In accordance with one aspect of the present invention, the fur brush 4 is comprised of a material having the resistivity of 108 ohm·cm or more, and thus the fur brush 4 is relatively insulating in nature. In such a case, if the magnetic toner particles have the property of being charged to the positive polarity due to friction, then selection is made for the material for forming the fur brush 4 such that the fur brush 4 is charged to the negative polarity due to friction with the toner particles and/or the imaging surface, or, at least, the fur brush 4 is difficult to be charged to the positive polarity. For this purpose, the fur brush 4 may be formed by such a material as Teflon (tradename), polypropylene, polyethylene, vinyl chloride, Tetron (tradename), rayon, polyester, etc. On the other hand, if the magnetic toner particles have the property of being charged to the negative polarity due to friction, the selection should be made for the material for forming the fur brush 4 such that the fur brush 4 is charged to the opposite or positive polarity due to friction with the toner particles and/or the imaging surface or the fur brush 4 is difficult to be charged to the negative polarity. One typical example for such a material is nylon, though similar other materials may be equally applicable.

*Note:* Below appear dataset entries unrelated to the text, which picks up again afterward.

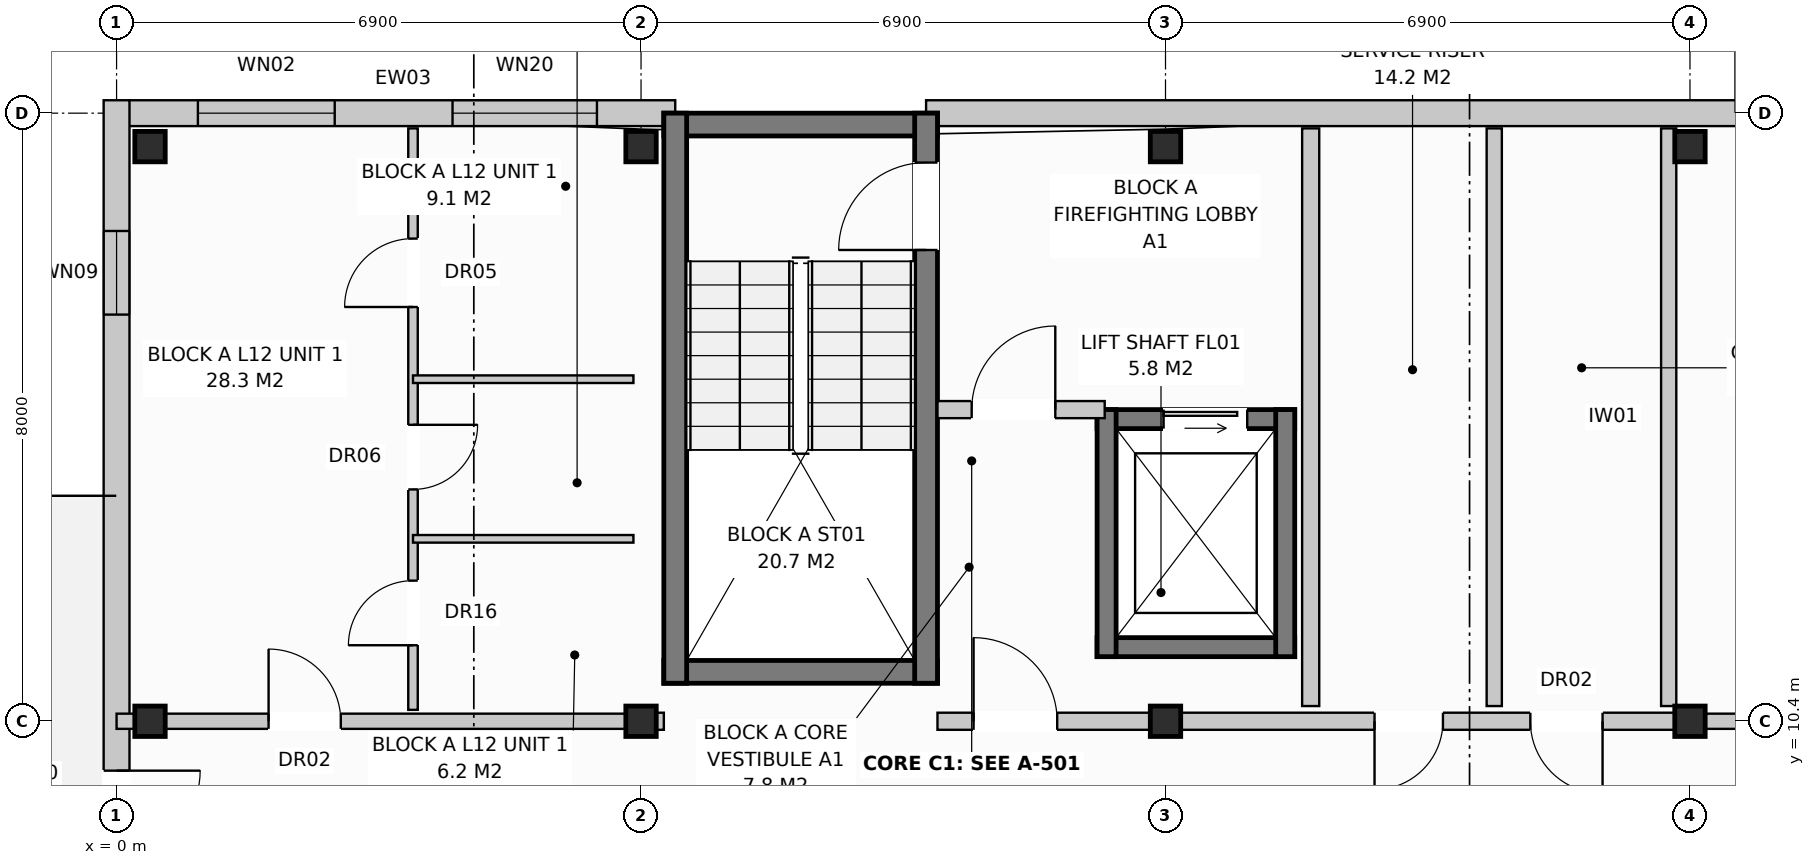
"""IFC4 building model, lengths in metres.
Left out: names, types, materials, properties, quantities, classifications, styles, units other than length and angle.
Written with IfcOpenShell. Run it as: python <this file> out.ifc"""

import sys

from ifc_helpers import new_model, si_unit, direction, frame, frame_2d, origin, origin_with_axes, origin_2d, place, context, subcontext, project, spatial, rectangle, extrude, element, fill, save


model = new_model("IFC4")
c1 = context("Model", 3, precision=1e-05, world=origin(), true_north=direction((0.0, 1.0)))
c2 = subcontext(c1, "Body", "Model", "MODEL_VIEW")
j1 = project(units=[si_unit("LENGTHUNIT", "METRE"), si_unit("PLANEANGLEUNIT", "RADIAN")], contexts=[c1])
p1 = place(None, origin())
s1 = spatial("IfcSite", under=j1, at=p1, CompositionType="ELEMENT")
p2 = place(p1, origin())
s2 = spatial("IfcBuilding", under=s1, at=p2, CompositionType="ELEMENT")
p3 = place(p2, frame((0.0, 0.0, 40.0)))
s3 = spatial("IfcBuildingStorey", under=s2, at=p3, CompositionType="ELEMENT", Elevation=40.0)
for number, where, z_axis, x_axis in (
    (1, (0.44, 10.4, 0.0), (0.0, 0.0, 1.0), (1.0, 0.0, 0.0)),
    (2, (0.44, 17.96, 0.0), (0.0, 0.0, 1.0), (1.0, 0.0, 0.0)),
    (3, (6.9, 10.4, 0.0), (0.0, 0.0, 1.0), (1.0, 0.0, 0.0)),
    (4, (6.9, 17.96, 0.0), (0.0, 0.0, 1.0), (1.0, 0.0, 0.0)),
    (5, (13.8, 10.4, 0.0), (0.0, 0.0, 1.0), (1.0, 0.0, 0.0)),
    (6, (13.8, 17.96, 0.0), (0.0, 0.0, 1.0), (1.0, 0.0, 0.0)),
    (7, (20.7, 10.4, 0.0), (0.0, 0.0, 1.0), (1.0, 0.0, 0.0)),
    (8, (20.7, 17.96, 0.0), (0.0, 0.0, 1.0), (1.0, 0.0, 0.0)),
):
    element("IfcColumn", number, at=place(p3, frame(where, z_axis=z_axis, x_axis=x_axis)), inside=s3, PredefinedType="COLUMN", context=c2, shape_type="SweptSolid", body=[
        extrude(rectangle(XDim=0.4, YDim=0.4, at=origin_2d()), origin(), (0.0, 0.0, 1.0), 3.2),
    ])
p4 = place(p3, frame((0.16, 18.4, 0.0), z_axis=(0.0, 0.0, 1.0), x_axis=(1.0, 0.0, 0.0)))
e9 = element("IfcWall", 9, at=p4, inside=s3, PredefinedType="STANDARD", context=c2, shape_type="SweptSolid", body=[
    extrude(rectangle(XDim=7.19, YDim=0.34, at=frame_2d((3.595, 0.0))), origin(), (0.0, 0.0, 1.0), 2.97),
])
p5 = place(p4, frame((0.91, 0.0, 0.8)))
e10 = element("IfcOpeningElement", 10, at=p5, cuts=e9, PredefinedType="OPENING", context=c2, shape_type="SweptSolid", body=[
    extrude(rectangle(XDim=1.8, YDim=1.7, at=frame_2d((0.9, 0.85))), frame((0.0, 0.182, 0.0), z_axis=(0.0, -1.0, 0.0), x_axis=(1.0, 0.0, 0.0)), (0.0, 0.0, 1.0), 0.364),
])
p6 = place(p4, frame((4.26, 0.0, 0.8)))
e11 = element("IfcOpeningElement", 11, at=p6, cuts=e9, PredefinedType="OPENING", context=c2, shape_type="SweptSolid", body=[
    extrude(rectangle(XDim=1.9, YDim=1.85, at=frame_2d((0.95, 0.925))), frame((0.0, 0.182, 0.0), z_axis=(0.0, -1.0, 0.0), x_axis=(1.0, 0.0, 0.0)), (0.0, 0.0, 1.0), 0.364),
])
p7 = place(p3, frame((10.65, 18.4, 0.0), z_axis=(0.0, 0.0, 1.0), x_axis=(1.0, 0.0, 0.0)))
e12 = element("IfcWall", 12, at=p7, inside=s3, PredefinedType="STANDARD", context=c2, shape_type="SweptSolid", body=[
    extrude(rectangle(XDim=17.4, YDim=0.34, at=frame_2d((8.7, 0.0))), origin(), (0.0, 0.0, 1.0), 2.97),
])
p8 = place(p7, frame((11.82, 0.0, 0.0)))
e13 = element("IfcOpeningElement", 13, at=p8, cuts=e12, PredefinedType="OPENING", context=c2, shape_type="SweptSolid", body=[
    extrude(rectangle(XDim=1.05, YDim=2.12, at=frame_2d((0.525, 1.06))), frame((0.0, 0.182, 0.0), z_axis=(0.0, -1.0, 0.0), x_axis=(1.0, 0.0, 0.0)), (0.0, 0.0, 1.0), 0.364),
])
p9 = place(p7, frame((14.87, 0.0, 0.72)))
e14 = element("IfcOpeningElement", 14, at=p9, cuts=e12, PredefinedType="OPENING", context=c2, shape_type="SweptSolid", body=[
    extrude(rectangle(XDim=1.1, YDim=1.5, at=frame_2d((0.55, 0.75))), frame((0.0, 0.182, 0.0), z_axis=(0.0, -1.0, 0.0), x_axis=(1.0, 0.0, 0.0)), (0.0, 0.0, 1.0), 0.364),
])
p10 = place(p3, frame((0.0, -0.17, 0.0), z_axis=(0.0, 0.0, 1.0), x_axis=(0.0, 1.0, 0.0)))
e15 = element("IfcWall", 15, at=p10, inside=s3, PredefinedType="STANDARD", context=c2, shape_type="SweptSolid", body=[
    extrude(rectangle(XDim=18.74, YDim=0.34, at=frame_2d((9.37, 0.0))), origin(), (0.0, 0.0, 1.0), 2.97),
])
p11 = place(p10, frame((8.82, 0.0, 0.0)))
e16 = element("IfcOpeningElement", 16, at=p11, cuts=e15, PredefinedType="OPENING", context=c2, shape_type="SweptSolid", body=[
    extrude(rectangle(XDim=1.1, YDim=2.1, at=frame_2d((0.55, 1.05))), frame((0.0, 0.182, 0.0), z_axis=(0.0, -1.0, 0.0), x_axis=(1.0, 0.0, 0.0)), (0.0, 0.0, 1.0), 0.364),
])
p12 = place(p10, frame((1.72, 0.0, 0.72)))
e17 = element("IfcOpeningElement", 17, at=p12, cuts=e15, PredefinedType="OPENING", context=c2, shape_type="SweptSolid", body=[
    extrude(rectangle(XDim=1.1, YDim=1.5, at=frame_2d((0.55, 0.75))), frame((0.0, 0.182, 0.0), z_axis=(0.0, -1.0, 0.0), x_axis=(1.0, 0.0, 0.0)), (0.0, 0.0, 1.0), 0.364),
])
p13 = place(p10, frame((15.92, 0.0, 0.72)))
e18 = element("IfcOpeningElement", 18, at=p13, cuts=e15, PredefinedType="OPENING", context=c2, shape_type="SweptSolid", body=[
    extrude(rectangle(XDim=1.1, YDim=1.5, at=frame_2d((0.55, 0.75))), frame((0.0, 0.182, 0.0), z_axis=(0.0, -1.0, 0.0), x_axis=(1.0, 0.0, 0.0)), (0.0, 0.0, 1.0), 0.364),
])
for number, where, z_axis, x_axis in (
    (19, (7.2, 18.25, 0.0), (0.0, 0.0, 1.0), (1.0, 0.0, 0.0)),
    (20, (7.2, 11.05, 0.0), (0.0, 0.0, 1.0), (1.0, 0.0, 0.0)),
):
    element("IfcWall", number, at=place(p3, frame(where, z_axis=z_axis, x_axis=x_axis)), inside=s3, PredefinedType="SHEAR", context=c2, shape_type="SweptSolid", body=[
        extrude(rectangle(XDim=3.6, YDim=0.3, at=frame_2d((1.8, 0.0))), origin(), (0.0, 0.0, 1.0), 2.97),
    ])
p14 = place(p3, frame((7.35, 10.9, 0.0), z_axis=(0.0, 0.0, 1.0), x_axis=(0.0, 1.0, 0.0)))
e21 = element("IfcWall", 21, at=p14, inside=s3, PredefinedType="SHEAR", context=c2, shape_type="SweptSolid", body=[
    extrude(rectangle(XDim=7.5, YDim=0.3, at=frame_2d((3.75, 0.0))), origin(), (0.0, 0.0, 1.0), 2.97),
])
p15 = place(p3, frame((10.65, 10.9, 0.0), z_axis=(0.0, 0.0, 1.0), x_axis=(0.0, 1.0, 0.0)))
e22 = element("IfcWall", 22, at=p15, inside=s3, PredefinedType="SHEAR", context=c2, shape_type="SweptSolid", body=[
    extrude(rectangle(XDim=7.5, YDim=0.3, at=frame_2d((3.75, 0.0))), origin(), (0.0, 0.0, 1.0), 2.97),
])
p16 = place(p15, frame((5.7, 0.0, 0.0)))
e23 = element("IfcOpeningElement", 23, at=p16, cuts=e22, PredefinedType="OPENING", context=c2, shape_type="SweptSolid", body=[
    extrude(rectangle(XDim=1.15, YDim=2.15, at=frame_2d((0.575, 1.075))), frame((0.0, 0.162, 0.0), z_axis=(0.0, -1.0, 0.0), x_axis=(1.0, 0.0, 0.0)), (0.0, 0.0, 1.0), 0.324),
])
p17 = place(p3, frame((12.9, 14.375, 0.0), z_axis=(0.0, 0.0, 1.0), x_axis=(1.0, 0.0, 0.0)))
e24 = element("IfcWall", 24, at=p17, inside=s3, PredefinedType="SHEAR", context=c2, shape_type="SweptSolid", body=[
    extrude(rectangle(XDim=2.6, YDim=0.25, at=frame_2d((1.3, 0.0))), origin(), (0.0, 0.0, 1.0), 2.97),
])
p18 = place(p17, frame((0.875, 0.0, 0.0)))
e25 = element("IfcOpeningElement", 25, at=p18, cuts=e24, PredefinedType="OPENING", context=c2, shape_type="SweptSolid", body=[
    extrude(rectangle(XDim=1.1, YDim=2.1, at=frame_2d((0.55, 1.05))), frame((0.0, 0.137, 0.0), z_axis=(0.0, -1.0, 0.0), x_axis=(1.0, 0.0, 0.0)), (0.0, 0.0, 1.0), 0.274),
])
p19 = place(p3, frame((12.9, 11.375, 0.0), z_axis=(0.0, 0.0, 1.0), x_axis=(1.0, 0.0, 0.0)))
e26 = element("IfcWall", 26, at=p19, inside=s3, PredefinedType="SHEAR", context=c2, shape_type="SweptSolid", body=[
    extrude(rectangle(XDim=2.6, YDim=0.25, at=frame_2d((1.3, 0.0))), origin(), (0.0, 0.0, 1.0), 2.97),
])
for number, where, z_axis, x_axis in (
    (27, (13.025, 11.25, 0.0), (0.0, 0.0, 1.0), (0.0, 1.0, 0.0)),
    (28, (15.375, 11.25, 0.0), (0.0, 0.0, 1.0), (0.0, 1.0, 0.0)),
):
    element("IfcWall", number, at=place(p3, frame(where, z_axis=z_axis, x_axis=x_axis)), inside=s3, PredefinedType="SHEAR", context=c2, shape_type="SweptSolid", body=[
        extrude(rectangle(XDim=3.25, YDim=0.25, at=frame_2d((1.625, 0.0))), origin(), (0.0, 0.0, 1.0), 2.97),
    ])
p20 = place(p3, frame((15.71, 10.6, 0.0), z_axis=(0.0, 0.0, 1.0), x_axis=(0.0, 1.0, 0.0)))
e29 = element("IfcWall", 29, at=p20, inside=s3, PredefinedType="PARTITIONING", context=c2, shape_type="SweptSolid", body=[
    extrude(rectangle(XDim=7.6, YDim=0.225, at=frame_2d((3.8, 0.0))), origin(), (0.0, 0.0, 1.0), 2.59),
])
p21 = place(p3, frame((10.8, 14.5, 0.0), z_axis=(0.0, 0.0, 1.0), x_axis=(1.0, 0.0, 0.0)))
e30 = element("IfcWall", 30, at=p21, inside=s3, PredefinedType="PARTITIONING", context=c2, shape_type="SweptSolid", body=[
    extrude(rectangle(XDim=2.2, YDim=0.225, at=frame_2d((1.1, 0.0))), origin(), (0.0, 0.0, 1.0), 2.97),
])
p22 = place(p21, frame((0.45, 0.0, 0.0)))
e31 = element("IfcOpeningElement", 31, at=p22, cuts=e30, PredefinedType="OPENING", context=c2, shape_type="SweptSolid", body=[
    extrude(rectangle(XDim=1.1, YDim=2.15, at=frame_2d((0.55, 1.075))), frame((0.0, 0.125, 0.0), z_axis=(0.0, -1.0, 0.0), x_axis=(1.0, 0.0, 0.0)), (0.0, 0.0, 1.0), 0.249),
])
p23 = place(p3, frame((6.9, 10.4, 0.0), z_axis=(0.0, 0.0, 1.0), x_axis=(1.0, 0.0, 0.0)))
e32 = element("IfcWall", 32, at=p23, inside=s3, PredefinedType="PARTITIONING", context=c2, shape_type="SweptSolid", body=[
    extrude(rectangle(XDim=0.3, YDim=0.225, at=frame_2d((0.15, 0.0))), origin(), (0.0, 0.0, 1.0), 2.97),
])
for number, where, z_axis, x_axis in (
    (33, (18.125, 10.6, 0.0), (0.0, 0.0, 1.0), (0.0, 1.0, 0.0)),
    (34, (20.42, 10.6, 0.0), (0.0, 0.0, 1.0), (0.0, 1.0, 0.0)),
):
    element("IfcWall", number, at=place(p3, frame(where, z_axis=z_axis, x_axis=x_axis)), inside=s3, PredefinedType="PARTITIONING", context=c2, shape_type="SweptSolid", body=[
        extrude(rectangle(XDim=7.6, YDim=0.2, at=frame_2d((3.8, 0.0))), origin(), (0.0, 0.0, 1.0), 2.97),
    ])
p24 = place(p3, frame((10.8, 10.4, 0.0), z_axis=(0.0, 0.0, 1.0), x_axis=(1.0, 0.0, 0.0)))
e35 = element("IfcWall", 35, at=p24, inside=s3, PredefinedType="PARTITIONING", context=c2, shape_type="SweptSolid", body=[
    extrude(rectangle(XDim=9.9, YDim=0.225, at=frame_2d((4.95, 0.0))), origin(), (0.0, 0.0, 1.0), 2.41),
])
p25 = place(p24, frame((0.475, 0.0, 0.0)))
e36 = element("IfcOpeningElement", 36, at=p25, cuts=e35, PredefinedType="OPENING", context=c2, shape_type="SweptSolid", body=[
    extrude(rectangle(XDim=1.1, YDim=2.15, at=frame_2d((0.55, 1.075))), frame((0.0, 0.125, 0.0), z_axis=(0.0, -1.0, 0.0), x_axis=(1.0, 0.0, 0.0)), (0.0, 0.0, 1.0), 0.249),
])
p26 = place(p24, frame((5.75, 0.0, 0.0)))
e37 = element("IfcOpeningElement", 37, at=p26, cuts=e35, PredefinedType="OPENING", context=c2, shape_type="SweptSolid", body=[
    extrude(rectangle(XDim=0.9, YDim=2.1, at=frame_2d((0.45, 1.05))), frame((0.0, 0.125, 0.0), z_axis=(0.0, -1.0, 0.0), x_axis=(1.0, 0.0, 0.0)), (0.0, 0.0, 1.0), 0.249),
])
p27 = place(p24, frame((7.8, 0.0, 0.0)))
e38 = element("IfcOpeningElement", 38, at=p27, cuts=e35, PredefinedType="OPENING", context=c2, shape_type="SweptSolid", body=[
    extrude(rectangle(XDim=0.95, YDim=2.15, at=frame_2d((0.475, 1.075))), frame((0.0, 0.125, 0.0), z_axis=(0.0, -1.0, 0.0), x_axis=(1.0, 0.0, 0.0)), (0.0, 0.0, 1.0), 0.249),
])
p28 = place(p3, frame((0.0, 10.4, 0.0), z_axis=(0.0, 0.0, 1.0), x_axis=(1.0, 0.0, 0.0)))
e39 = element("IfcWall", 39, at=p28, inside=s3, PredefinedType="PARTITIONING", context=c2, shape_type="SweptSolid", body=[
    extrude(rectangle(XDim=6.9, YDim=0.2, at=frame_2d((3.45, 0.0))), origin(), (0.0, 0.0, 1.0), 2.41),
])
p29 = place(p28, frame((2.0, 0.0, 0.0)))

In accordance with another aspect of the present invention, the fur brush 4 is formed by a material having the resistivity ranging from 104 to 108 ohm·cm, and thus the fur brush 4 is relatively in the semiconductive region. Such a material may be a mixture of an acrylic polymer as a base and fine carbon black particles dispersed in the base. Such a material has a regulated resistivity determined by the ratio in amount between electrically insulating acrylic polymer and electrically conductive carbon black. That is, a desired resistivity may be obtained by appropriately controlling the particle size and mixture ratio of the carbon black particles.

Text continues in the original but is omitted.